Question

Write the differential equation obtained by eliminating the arbitrary constant c in the equation representing the family of curves xy = c cos x.

Answer 1

$xy = c \cos(x) \\ xy \div \cos(x) = c \\ differentiate \\ (cosx(y + x(dy \div dx) + sinx(xy)) \div { \cos }^{2} x = 0 \\ cosx(y + x(dy \div dx) = - sinx \times (xy) \\ ycosx + xcosx(dy \div dx) = - xysinx \\ xcosx(dy \div dx) = - (ycosx + xysinx) \\ dy \div dx = - ((y \div x) + ytanx)$
here it is........

Answer 2

EXPLANATION 1.

The given family of curves is

xy = c cosx ..... (1)

Differentiating both sides of (1) with respect to x, we get

x dy/dx + y = - c sinx ..... (2)

Again, differentiating both sides of (2) with respect to x, we get

x d²y/dx² + dy/dx + dy/dx = - c cosx

or, x d²y/dx² + 2 dy/dx = - xy [ by (1) ]

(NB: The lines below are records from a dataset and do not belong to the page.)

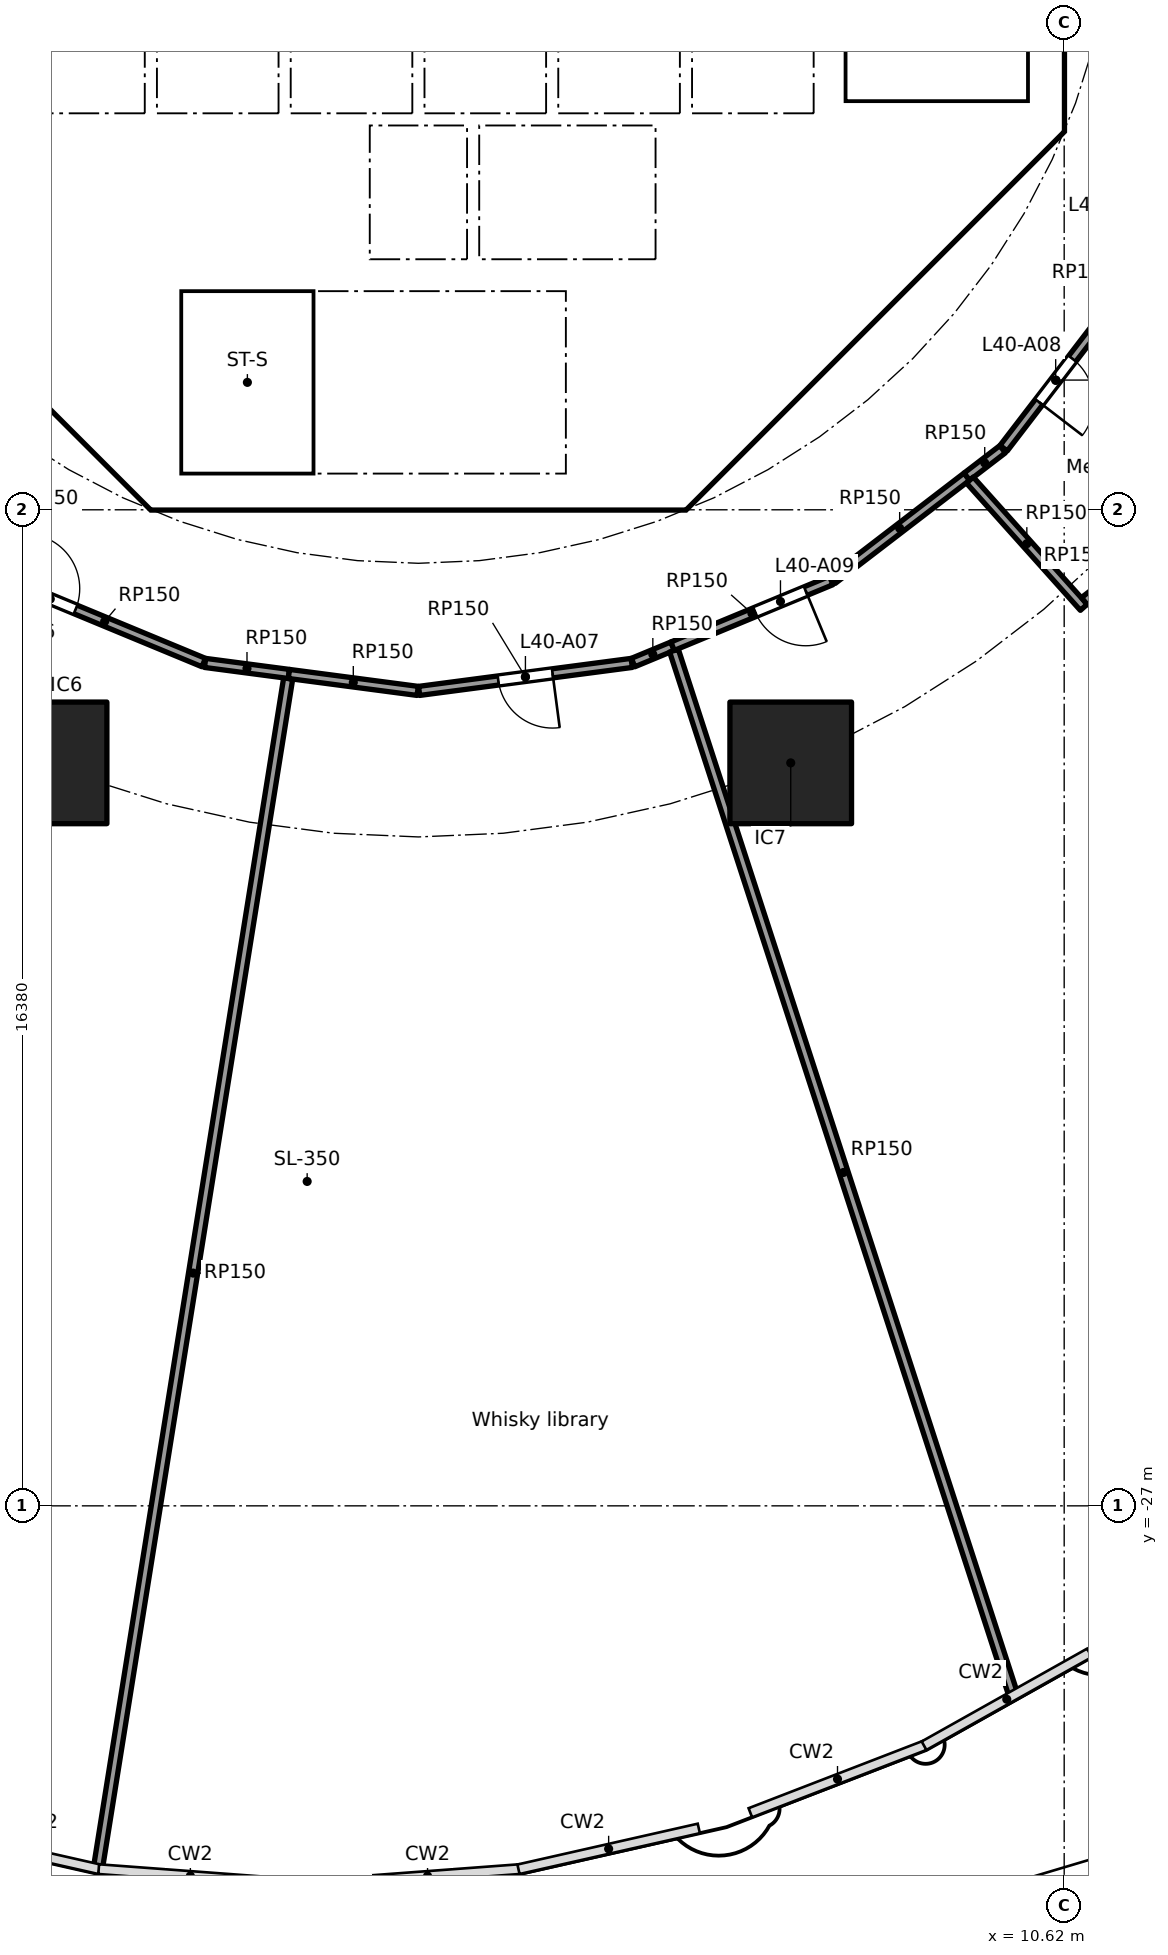
"""IFC4 building model, lengths in metres.
Left out: names, types, materials, properties, quantities, classifications, styles, units other than length and angle.
Written with IfcOpenShell. Run it as: python <this file> out.ifc"""

import sys

from ifc_helpers import new_model, si_unit, direction, frame, frame_2d, origin, origin_2d, place, context, subcontext, project, spatial, polyline, rectangle, outline, extrude, element, fill, save


model = new_model("IFC4")
c1 = context("Model", 3, precision=1e-05, world=origin(), true_north=direction((0.0, 1.0)))
c2 = subcontext(c1, "Body", "Model", "MODEL_VIEW")
j1 = project(units=[si_unit("LENGTHUNIT", "METRE"), si_unit("PLANEANGLEUNIT", "RADIAN")], contexts=[c1])
p1 = place(None, origin())
s1 = spatial("IfcSite", under=j1, at=p1, CompositionType="ELEMENT")
p2 = place(p1, origin())
s2 = spatial("IfcBuilding", under=s1, at=p2, CompositionType="ELEMENT")
p3 = place(p2, frame((0.0, 0.0, 160.3)))
s3 = spatial("IfcBuildingStorey", under=s2, at=p3, CompositionType="ELEMENT", Elevation=160.3)
for number, where, z_axis, x_axis in (
    (1, (-6.123, -14.782, 0.0), (0.0, 0.0, 1.0), (1.0, 0.0, 0.0)),
    (2, (6.123, -14.782, 0.0), (0.0, 0.0, 1.0), (1.0, 0.0, 0.0)),
):
    element("IfcColumn", number, at=place(p3, frame(where, z_axis=z_axis, x_axis=x_axis)), inside=s3, PredefinedType="COLUMN", context=c2, shape_type="SweptSolid", body=[
        extrude(rectangle(XDim=2.0, YDim=2.0, at=origin_2d()), origin(), (0.0, 0.0, 1.0), 5.6),
    ])
p4 = place(p3, frame((-9.988, -4.613, 0.0), z_axis=(0.0, 0.0, 1.0), x_axis=(0.707106781187, -0.707106781187, 0.0)))
e3 = element("IfcWall", 3, at=p4, inside=s3, PredefinedType="SHEAR", context=c2, shape_type="SweptSolid", body=[
    extrude(rectangle(XDim=7.602, YDim=0.6, at=frame_2d((3.801, 0.0))), origin(), (0.0, 0.0, 1.0), 5.34),
])
p5 = place(p4, frame((6.151, 0.0, 0.0)))
e4 = element("IfcOpeningElement", 4, at=p5, cuts=e3, PredefinedType="OPENING", context=c2, shape_type="SweptSolid", body=[
    extrude(rectangle(XDim=1.1, YDim=2.1, at=frame_2d((0.55, 1.05))), frame((0.0, 0.31, 0.0), z_axis=(0.0, -1.0, 0.0), x_axis=(1.0, 0.0, 0.0)), (0.0, 0.0, 1.0), 0.62),
])
p6 = place(p3, frame((4.613, -9.988, 0.0), z_axis=(0.0, 0.0, 1.0), x_axis=(0.707106781187, 0.707106781187, 0.0)))
e5 = element("IfcWall", 5, at=p6, inside=s3, PredefinedType="SHEAR", context=c2, shape_type="SweptSolid", body=[
    extrude(rectangle(XDim=7.602, YDim=0.6, at=frame_2d((3.801, 0.0))), origin(), (0.0, 0.0, 1.0), 5.34),
])
p7 = place(p6, frame((3.201, 0.0, 0.0)))
e6 = element("IfcOpeningElement", 6, at=p7, cuts=e5, PredefinedType="OPENING", context=c2, shape_type="SweptSolid", body=[
    extrude(rectangle(XDim=1.2, YDim=2.1, at=frame_2d((0.6, 1.05))), frame((0.0, 0.31, 0.0), z_axis=(0.0, -1.0, 0.0), x_axis=(1.0, 0.0, 0.0)), (0.0, 0.0, 1.0), 0.62),
])
p8 = place(p3, frame((4.0, -10.025, 0.0), z_axis=(0.0, 0.0, 1.0), x_axis=(0.0, 1.0, 0.0)))
e7 = element("IfcWall", 7, at=p8, inside=s3, PredefinedType="SOLIDWALL", context=c2, shape_type="SweptSolid", body=[
    extrude(rectangle(XDim=3.0, YDim=0.2, at=frame_2d((1.5, 0.0))), origin(), (0.0, 0.0, 1.0), 5.34),
])
p9 = place(p8, frame((0.975, 0.0, 0.0)))
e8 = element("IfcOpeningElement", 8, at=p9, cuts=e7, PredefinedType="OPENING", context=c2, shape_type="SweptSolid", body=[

or, x d²y/dx² + 2 dy/dx + xy = 0

This is the required differential equation.

EXPLANATION 2.

The given family of curves is

xy = c cosx

or, xy/cosx = c ..... (1)

Differentiating both sides of (1) with respect to x, we get

{cosx (x dy/dx + y) + xy sinx}/cos²x = 0

[ Use the formula for d/dx (u/v) where u, v are functions of x. ]

or, cosx (x dy/dx + y) + xy sinx = 0

or, x dy/dx + y + xy tanx = 0

This is the required differential equation.

Note:

In EXPLANATION 1, the differential equation is of order 2 and in EXPLANATION 2, the differential equation is of order 1. However both equations represent the curve in differentials.